The development and diffusion of new technology is critically dependent upon the coordinated, cumulative performance of research, education and extension. Since the functions represent complementary investments, they should be planned and sequenced as a system rather than as separate activities. Also, since they are risky investments with long-term payoffs, the government is usually the main investor in all three pillars at early stages of economic development. Government investments in research produce public goods such as new technologies that generate spillovers and bring benefit to more than one socio-economic group now and in future generations. Thus a systems approach is needed to pragmatically craft agricultural knowledge systems that promote communication, interaction and cooperation between agricultural higher education, research, extension and the farmers.

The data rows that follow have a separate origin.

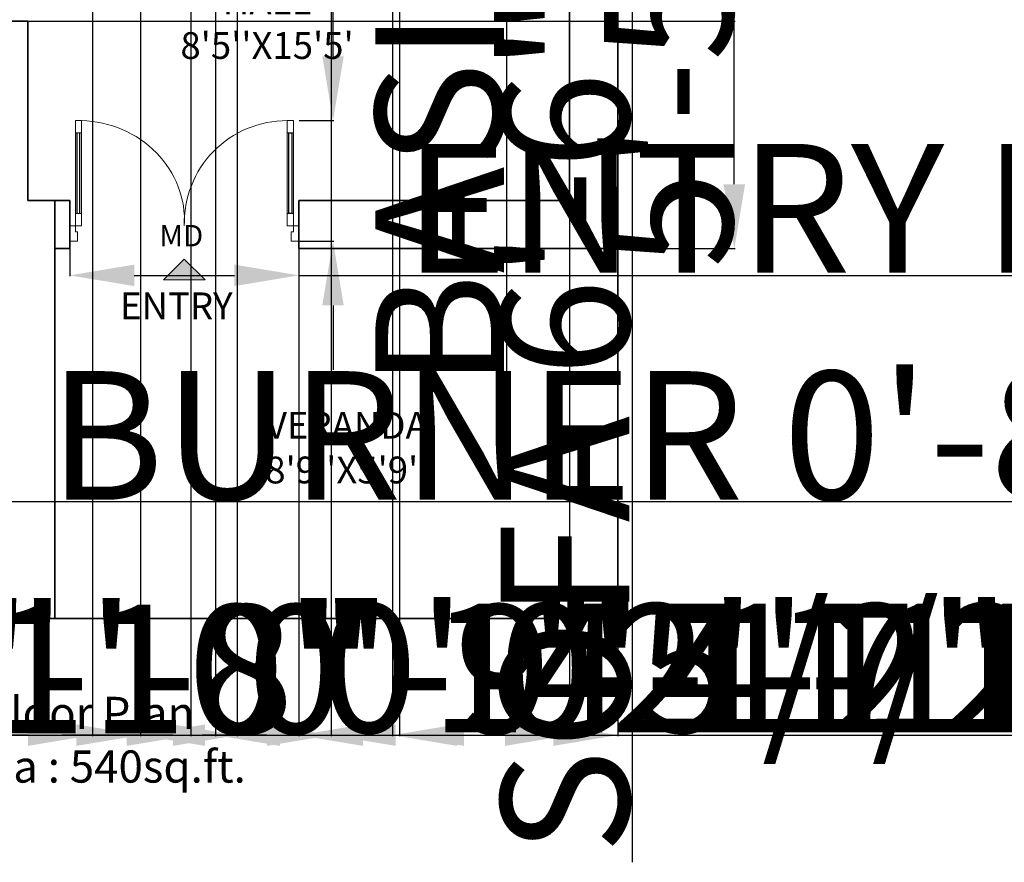
# Model space of a CAD drawing. Units: inches. Extents: x 2236 to 2927, y 1577 to 2452.
# Tile 2 of 9: x 2511 to 2695, y 1679 to 1836. Entities that reach past the tile are written whole.
import ezdxf

# ---------------------------------------------------------------- set-up
doc = ezdxf.new("R2010")
doc.units = ezdxf.units.IN
for name, color, linetype, lineweight in [('A-ANNO-DIMS', 2, 'Continuous', 18), ('A-ANNO-SYMB', 7, 'Continuous', 18), ('A-ANNO-TEXT', 7, 'Continuous', 18), ('A-AREA-IDEN', 7, 'Continuous', 18), ('Doors', 150, 'Continuous', 18), ('Wall', 7, 'Continuous', 35)]:
    doc.layers.add(name, color=color, linetype=linetype, lineweight=lineweight)
doc.layers.add('Glaz', color=92, linetype='Continuous')
doc.styles.get("Standard").update_dxf_attribs({"font": 'arial.ttf'})
doc.dimstyles.get("Standard").update_dxf_attribs({"dimtxt": 24, "dimasz": 12, "dimexe": 0.18, "dimexo": 0.0625, "dimgap": 0.09, "dimtad": 1, "dimdec": 1, "dimzin": 0, "dimdsep": 46, "dimlunit": 4, "dimtxsty": 'Standard', "dimcen": 0.09, "dimadec": 0, "dimazin": 0, "dimtfac": 1, "dimtdec": 1, "dimtofl": 0, "dimtmove": 0, "dimatfit": 3, "dimfxl": 1, "dimtolj": 1, "dimtzin": 0, "dimarcsym": 0})

# ---------------------------------------------------------------- blocks, each defined once
blk = doc.blocks.new('A$C13CE0A17')
at = {"layer": 'Doors'}
for p, q in [((0, 0.61), (0, 0.69)), ((0, 0.69), (0.04, 0.69)), ((0.04, 0.69), (0.04, 0.61)), ((0, 0.61), (0, 0.08)), ((0.04, 0.61), (0, 0.61)), ((0.04, 0.61), (0, 0.61)), ((0.03, 0.61), (0.01, 0.61)), ((0.04, 0.08), (0.04, 0.61)), ((0, 0.08), (0, 0)), ((0.04, 0.08), (0, 0.08)), ((0, 0.08), (0.04, 0.08)), ((0.01, 0.08), (0.03, 0.08)), ((0.04, 0), (0.04, 0.08)), ((-0.035, 0), (-0.035, -0.1)), ((0, 0), (-0.035, 0)), ((0, 0), (0.04, 0)), ((0, -0.04), (0, 0)), ((0.015, -0.04), (0, -0.04)), ((0.015, -0.05), (0.015, -0.04)), ((0.015, -0.1), (0.015, -0.05)), ((-0.035, -0.1), (0.015, -0.1))]:
    blk.add_line(p, q, dxfattribs=at)
for points in [[(1.39, 0.69), (1.39, 0.61), (1.43, 0.61), (1.43, 0.69)], [(1.39, 0.08), (1.39, 0.61), (1.43, 0.61), (1.43, 0.08)], [(1.39, 0), (1.39, 0.08), (1.43, 0.08), (1.43, 0)], [(1.43, 0), (1.465, 0), (1.465, -0.1), (1.415, -0.1), (1.415, -0.05), (1.415, -0.04), (1.43, -0.04)]]:
    blk.add_lwpolyline(points, close=True, dxfattribs=at)
blk.add_arc((1.3872, 0.017), 0.673, 89.76573, 181.44381, dxfattribs=at)
blk.add_ellipse((0.0389, 0.0511), major_axis=(0.6669, -0.1217), ratio=0.940794, start_param=0.11153, end_param=1.73917, dxfattribs=at)
at = {"layer": 'Glaz'}
for p, q in [((0.01, 0.61), (0.01, 0.08)), ((0.03, 0.08), (0.03, 0.61))]:
    blk.add_line(p, q, dxfattribs=at)
blk.add_lwpolyline([(1.4, 0.08), (1.4, 0.61), (1.42, 0.61), (1.42, 0.08)], close=True, dxfattribs=at)
blk = doc.blocks.new('DIRECTION-ARROWHEAD')
h = blk.add_hatch(color=256)
h.dxf.hatch_style = 1
h.paths.add_polyline_path([(3.87, 3.87), (0, 7.74), (0, 0)])
for p, q in [((0, 7.74), (0, 0)), ((3.87, 3.87), (0, 7.74)), ((3.87, 3.87), (0, 0))]:
    blk.add_line(p, q)
blk = doc.blocks.new('*D24')
at = {"layer": 'A-ANNO-DIMS', "color": 0, "lineweight": -2, "transparency": 16777216}
for p, q in [((2478.46, 1747), (2478.46, 1745.71)), ((2486.29, 1747), (2486.29, 1745.71)), ((2466.46, 1745.89), (2454.46, 1745.89)), ((2498.29, 1745.89), (2806.59, 1745.89))]:
    blk.add_line(p, q, dxfattribs=at)
at = {"layer": 'A-ANNO-DIMS', "color": 0, "transparency": 16777216}
for points in [[(2466.46, 1747.89), (2466.46, 1743.89), (2478.46, 1745.89)], [(2498.29, 1747.89), (2498.29, 1743.89), (2486.29, 1745.89)]]:
    blk.add_solid(points, dxfattribs=at)
at = {"layer": 'Defpoints', "color": 0, "transparency": 16777216}
for p in [(2478.46, 1747.06), (2486.29, 1747.06), (2486.29, 1745.89)]:
    blk.add_point(p, dxfattribs=at)
at = {"layer": 'A-ANNO-DIMS', "color": 0, "transparency": 16777216, "insert": (2658.44, 1758.23), "char_height": 24, "attachment_point": 5}
blk.add_mtext('\\A1;BURNER 0\'-8" TYP.', dxfattribs=at)
blk = doc.blocks.new('*D26')
at = {"layer": 'A-ANNO-DIMS', "color": 0, "lineweight": -2, "transparency": 16777216}
for p, q in [((2602.14, 1988.47), (2602.14, 2000.47)), ((2603.9, 1976.47), (2601.96, 1976.47)), ((2603.9, 1964.32), (2601.96, 1964.32)), ((2602.14, 1952.32), (2602.14, 1767.47))]:
    blk.add_line(p, q, dxfattribs=at)
at = {"layer": 'A-ANNO-DIMS', "color": 0, "transparency": 16777216}
for points in [[(2600.14, 1988.47), (2604.14, 1988.47), (2602.14, 1976.47)], [(2600.14, 1952.32), (2604.14, 1952.32), (2602.14, 1964.32)]]:
    blk.add_solid(points, dxfattribs=at)
at = {"layer": 'Defpoints', "color": 0, "transparency": 16777216}
for p in [(2603.96, 1976.47), (2602.14, 1964.32), (2603.96, 1964.32)]:
    blk.add_point(p, dxfattribs=at)
at = {"layer": 'A-ANNO-DIMS', "color": 0, "transparency": 16777216, "insert": (2589.64, 1853.9), "char_height": 24, "attachment_point": 5, "rotation": 90}
blk.add_mtext('\\A1;BASIN 1\'-0"', dxfattribs=at)
blk = doc.blocks.new('*D32')
at = {"layer": 'A-ANNO-DIMS', "color": 0, "lineweight": -2, "transparency": 16777216}
for p, q in [((2613.91, 1933.08), (2625.73, 1933.08)), ((2625.55, 1921.08), (2625.55, 1867.08)), ((2613.91, 1855.08), (2625.73, 1855.08)), ((2625.55, 1855.08), (2625.55, 1678.61))]:
    blk.add_line(p, q, dxfattribs=at)
at = {"layer": 'A-ANNO-DIMS', "color": 0, "transparency": 16777216}
for points in [[(2623.55, 1921.08), (2627.55, 1921.08), (2625.55, 1933.08)], [(2623.55, 1867.08), (2627.55, 1867.08), (2625.55, 1855.08)]]:
    blk.add_solid(points, dxfattribs=at)
at = {"layer": 'Defpoints', "color": 0, "transparency": 16777216}
for p in [(2613.85, 1933.08), (2613.85, 1855.08), (2625.55, 1855.08)]:
    blk.add_point(p, dxfattribs=at)
at = {"layer": 'A-ANNO-DIMS', "color": 0, "transparency": 16777216, "insert": (2613.04, 1760.84), "char_height": 24, "attachment_point": 5, "rotation": 90}
blk.add_mtext('\\A1;SOFA 6\'-6"', dxfattribs=at)
blk = doc.blocks.new('*D34')
at = {"layer": 'A-ANNO-DIMS', "color": 0, "lineweight": -2, "transparency": 16777216}
for p, q in [((2520.69, 1794.44), (2520.69, 1787.92)), ((2563.35, 1794.44), (2563.35, 1787.92)), ((2532.69, 1788.1), (2551.35, 1788.1)), ((2563.35, 1788.1), (2926.83, 1788.1))]:
    blk.add_line(p, q, dxfattribs=at)
at = {"layer": 'A-ANNO-DIMS', "color": 0, "transparency": 16777216}
for points in [[(2532.69, 1790.1), (2532.69, 1786.1), (2520.69, 1788.1)], [(2551.35, 1790.1), (2551.35, 1786.1), (2563.35, 1788.1)]]:
    blk.add_solid(points, dxfattribs=at)
at = {"layer": 'Defpoints', "color": 0, "transparency": 16777216}
for p in [(2520.69, 1794.5), (2563.35, 1794.5), (2563.35, 1788.1)]:
    blk.add_point(p, dxfattribs=at)
at = {"layer": 'A-ANNO-DIMS', "color": 0, "transparency": 16777216, "insert": (2751.09, 1800.62), "char_height": 24, "attachment_point": 5}
blk.add_mtext('\\A1;ENTRY DOOR 3\'-6 1/2"', dxfattribs=at)
blk = doc.blocks.new('*D35')
at = {"layer": 'A-ANNO-DIMS', "color": 0, "lineweight": -2, "transparency": 16777216}
for p, q in [((2569.75, 1828.98), (2569.75, 1977.27)), ((2563.41, 1816.98), (2569.93, 1816.98)), ((2563.41, 1794.5), (2569.93, 1794.5)), ((2569.75, 1782.5), (2569.75, 1770.5))]:
    blk.add_line(p, q, dxfattribs=at)
at = {"layer": 'A-ANNO-DIMS', "color": 0, "transparency": 16777216}
for points in [[(2567.75, 1828.98), (2571.75, 1828.98), (2569.75, 1816.98)], [(2567.75, 1782.5), (2571.75, 1782.5), (2569.75, 1794.5)]]:
    blk.add_solid(points, dxfattribs=at)
at = {"layer": 'Defpoints', "color": 0, "transparency": 16777216}
for p in [(2563.35, 1816.98), (2569.75, 1816.98), (2563.35, 1794.5)]:
    blk.add_point(p, dxfattribs=at)
at = {"layer": 'A-ANNO-DIMS', "color": 0, "transparency": 16777216, "insert": (2557.25, 1909.13), "char_height": 24, "attachment_point": 5, "rotation": 90}
blk.add_mtext('\\A1;1\'-10 1/2"', dxfattribs=at)
blk = doc.blocks.new('*D45')
at = {"layer": 'A-ANNO-DIMS', "color": 0, "lineweight": -2, "transparency": 16777216}
for p, q in [((2622.91, 1858.08), (2644.78, 1858.08)), ((2644.6, 1805.08), (2644.6, 1846.08)), ((2622.91, 1793.08), (2644.78, 1793.08))]:
    blk.add_line(p, q, dxfattribs=at)
at = {"layer": 'A-ANNO-DIMS', "color": 0, "transparency": 16777216}
for points in [[(2642.6, 1846.08), (2646.6, 1846.08), (2644.6, 1858.08)], [(2642.6, 1805.08), (2646.6, 1805.08), (2644.6, 1793.08)]]:
    blk.add_solid(points, dxfattribs=at)
at = {"layer": 'Defpoints', "color": 0, "transparency": 16777216}
for p in [(2622.85, 1858.08), (2644.6, 1858.08), (2622.85, 1793.08)]:
    blk.add_point(p, dxfattribs=at)
at = {"layer": 'A-ANNO-DIMS', "color": 0, "transparency": 16777216, "insert": (2632.3, 1825.58), "char_height": 24, "attachment_point": 5, "rotation": 90}
blk.add_mtext('\\A1;5\'-5"', dxfattribs=at)
blk = doc.blocks.new('*D46')
at = {"layer": 'A-ANNO-DIMS', "color": 0, "lineweight": -2, "transparency": 16777216}
for p, q in [((2415.85, 1873.01), (2415.85, 1702.15)), ((2533.86, 1873.01), (2533.86, 1702.15)), ((2427.85, 1702.33), (2521.86, 1702.33))]:
    blk.add_line(p, q, dxfattribs=at)
at = {"layer": 'A-ANNO-DIMS', "color": 0, "transparency": 16777216}
for points in [[(2427.85, 1704.33), (2427.85, 1700.33), (2415.85, 1702.33)], [(2521.86, 1704.33), (2521.86, 1700.33), (2533.86, 1702.33)]]:
    blk.add_solid(points, dxfattribs=at)
at = {"layer": 'Defpoints', "color": 0, "transparency": 16777216}
for p in [(2415.85, 1873.08), (2533.86, 1873.08), (2533.86, 1702.33)]:
    blk.add_point(p, dxfattribs=at)
at = {"layer": 'A-ANNO-DIMS', "color": 0, "transparency": 16777216, "insert": (2474.85, 1714.67), "char_height": 24, "attachment_point": 5}
blk.add_mtext('\\A1;9\'-10"', dxfattribs=at)
blk = doc.blocks.new('*D48')
at = {"layer": 'A-ANNO-DIMS', "color": 0, "lineweight": -2, "transparency": 16777216}
for p, q in [((2524.86, 1915.51), (2524.86, 1702.15)), ((2533.86, 1915.51), (2533.86, 1702.15)), ((2512.86, 1702.33), (2500.86, 1702.33)), ((2545.86, 1702.33), (2621.84, 1702.33))]:
    blk.add_line(p, q, dxfattribs=at)
at = {"layer": 'A-ANNO-DIMS', "color": 0, "transparency": 16777216}
for points in [[(2512.86, 1704.33), (2512.86, 1700.33), (2524.86, 1702.33)], [(2545.86, 1704.33), (2545.86, 1700.33), (2533.86, 1702.33)]]:
    blk.add_solid(points, dxfattribs=at)
at = {"layer": 'Defpoints', "color": 0, "transparency": 16777216}
for p in [(2524.86, 1915.58), (2533.86, 1915.58), (2533.86, 1702.33)]:
    blk.add_point(p, dxfattribs=at)
at = {"layer": 'A-ANNO-DIMS', "color": 0, "transparency": 16777216, "insert": (2589.85, 1714.67), "char_height": 24, "attachment_point": 5}
blk.add_mtext('\\A1;0\'-9"', dxfattribs=at)
blk = doc.blocks.new('*D50')
at = {"layer": 'A-ANNO-DIMS', "color": 0, "lineweight": -2, "transparency": 16777216}
for p, q in [((2563.35, 1793.01), (2563.35, 1702.15)), ((2622.85, 1793.01), (2622.85, 1702.15)), ((2575.35, 1702.33), (2610.85, 1702.33)), ((2622.85, 1702.33), (2774.36, 1702.33))]:
    blk.add_line(p, q, dxfattribs=at)
at = {"layer": 'A-ANNO-DIMS', "color": 0, "transparency": 16777216}
for points in [[(2575.35, 1704.33), (2575.35, 1700.33), (2563.35, 1702.33)], [(2610.85, 1704.33), (2610.85, 1700.33), (2622.85, 1702.33)]]:
    blk.add_solid(points, dxfattribs=at)
at = {"layer": 'Defpoints', "color": 0, "transparency": 16777216}
for p in [(2563.35, 1793.08), (2622.85, 1793.08), (2622.85, 1702.33)]:
    blk.add_point(p, dxfattribs=at)
at = {"layer": 'A-ANNO-DIMS', "color": 0, "transparency": 16777216, "insert": (2704.61, 1714.83), "char_height": 24, "attachment_point": 5}
blk.add_mtext('\\A1;4\'-11 1/2"', dxfattribs=at)
blk = doc.blocks.new('*D51')
at = {"layer": 'A-ANNO-DIMS', "color": 0, "lineweight": -2, "transparency": 16777216}
for p, q in [((2644.6, 1862.15), (2644.6, 1994.46)), ((2512.91, 1862.15), (2644.78, 1862.15)), ((2644.6, 1847.53), (2644.6, 1850.15)), ((2512.91, 1835.53), (2644.78, 1835.53))]:
    blk.add_line(p, q, dxfattribs=at)
at = {"layer": 'A-ANNO-DIMS', "color": 0, "transparency": 16777216}
for points in [[(2642.6, 1850.15), (2646.6, 1850.15), (2644.6, 1862.15)], [(2642.6, 1847.53), (2646.6, 1847.53), (2644.6, 1835.53)]]:
    blk.add_solid(points, dxfattribs=at)
at = {"layer": 'Defpoints', "color": 0, "transparency": 16777216}
for p in [(2512.85, 1862.15), (2644.6, 1862.15), (2512.85, 1835.53)]:
    blk.add_point(p, dxfattribs=at)
at = {"layer": 'A-ANNO-DIMS', "color": 0, "transparency": 16777216, "insert": (2632.1, 1934.31), "char_height": 24, "attachment_point": 5, "rotation": 90}
blk.add_mtext('\\A1;2\'-2 1/2"', dxfattribs=at)
blk = doc.blocks.new('*D54')
at = {"layer": 'A-ANNO-DIMS', "color": 0, "lineweight": -2, "transparency": 16777216}
for p, q in [((2543.24, 1954.99), (2543.24, 1702.15)), ((2547.85, 1955.01), (2547.85, 1702.15)), ((2531.24, 1702.33), (2519.24, 1702.33)), ((2559.85, 1702.33), (2691.75, 1702.33))]:
    blk.add_line(p, q, dxfattribs=at)
at = {"layer": 'A-ANNO-DIMS', "color": 0, "transparency": 16777216}
for points in [[(2531.24, 1704.33), (2531.24, 1700.33), (2543.24, 1702.33)], [(2559.85, 1704.33), (2559.85, 1700.33), (2547.85, 1702.33)]]:
    blk.add_solid(points, dxfattribs=at)
at = {"layer": 'Defpoints', "color": 0, "transparency": 16777216}
for p in [(2543.24, 1955.06), (2547.85, 1955.08), (2547.85, 1702.33)]:
    blk.add_point(p, dxfattribs=at)
at = {"layer": 'A-ANNO-DIMS', "color": 0, "transparency": 16777216, "insert": (2631.8, 1714.83), "char_height": 24, "attachment_point": 5}
blk.add_mtext('\\A1;0\'-4 1/2"', dxfattribs=at)
blk = doc.blocks.new('*D55')
at = {"layer": 'A-ANNO-DIMS', "color": 0, "lineweight": -2, "transparency": 16777216}
for p, q in [((2582.18, 1986.01), (2582.18, 1702.15)), ((2613.85, 1986.01), (2613.85, 1702.15)), ((2594.18, 1702.33), (2601.85, 1702.33)), ((2613.85, 1702.33), (2746.16, 1702.33))]:
    blk.add_line(p, q, dxfattribs=at)
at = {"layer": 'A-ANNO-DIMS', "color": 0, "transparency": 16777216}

Despite this logic, most donors in Africa have persisted in pursuing a pillar-by-pillar approach to strengthening rural institutions. Why? A former extension specialist in the World Bank states (Venkatesan, 1991):

"The Bank's involvement with the development of higher agricultural education at the university level in Africa has been minimal . . . within the Bank, the agricultural divisions have no responsibility for universities, which are the responsibility of the education divisions . . . it is not therefore surprising that the Bank projects in extension and research do not provide support to higher agricultural education."

The World Bank made only three agricultural higher education loans in Sub-Saharan Africa from 1987 to 1997 (Willett, 1998). Nevertheless, the World Bank prides itself as being a 'knowledge organization.' The Bank may need to take steps to shore up its credibility on the issue.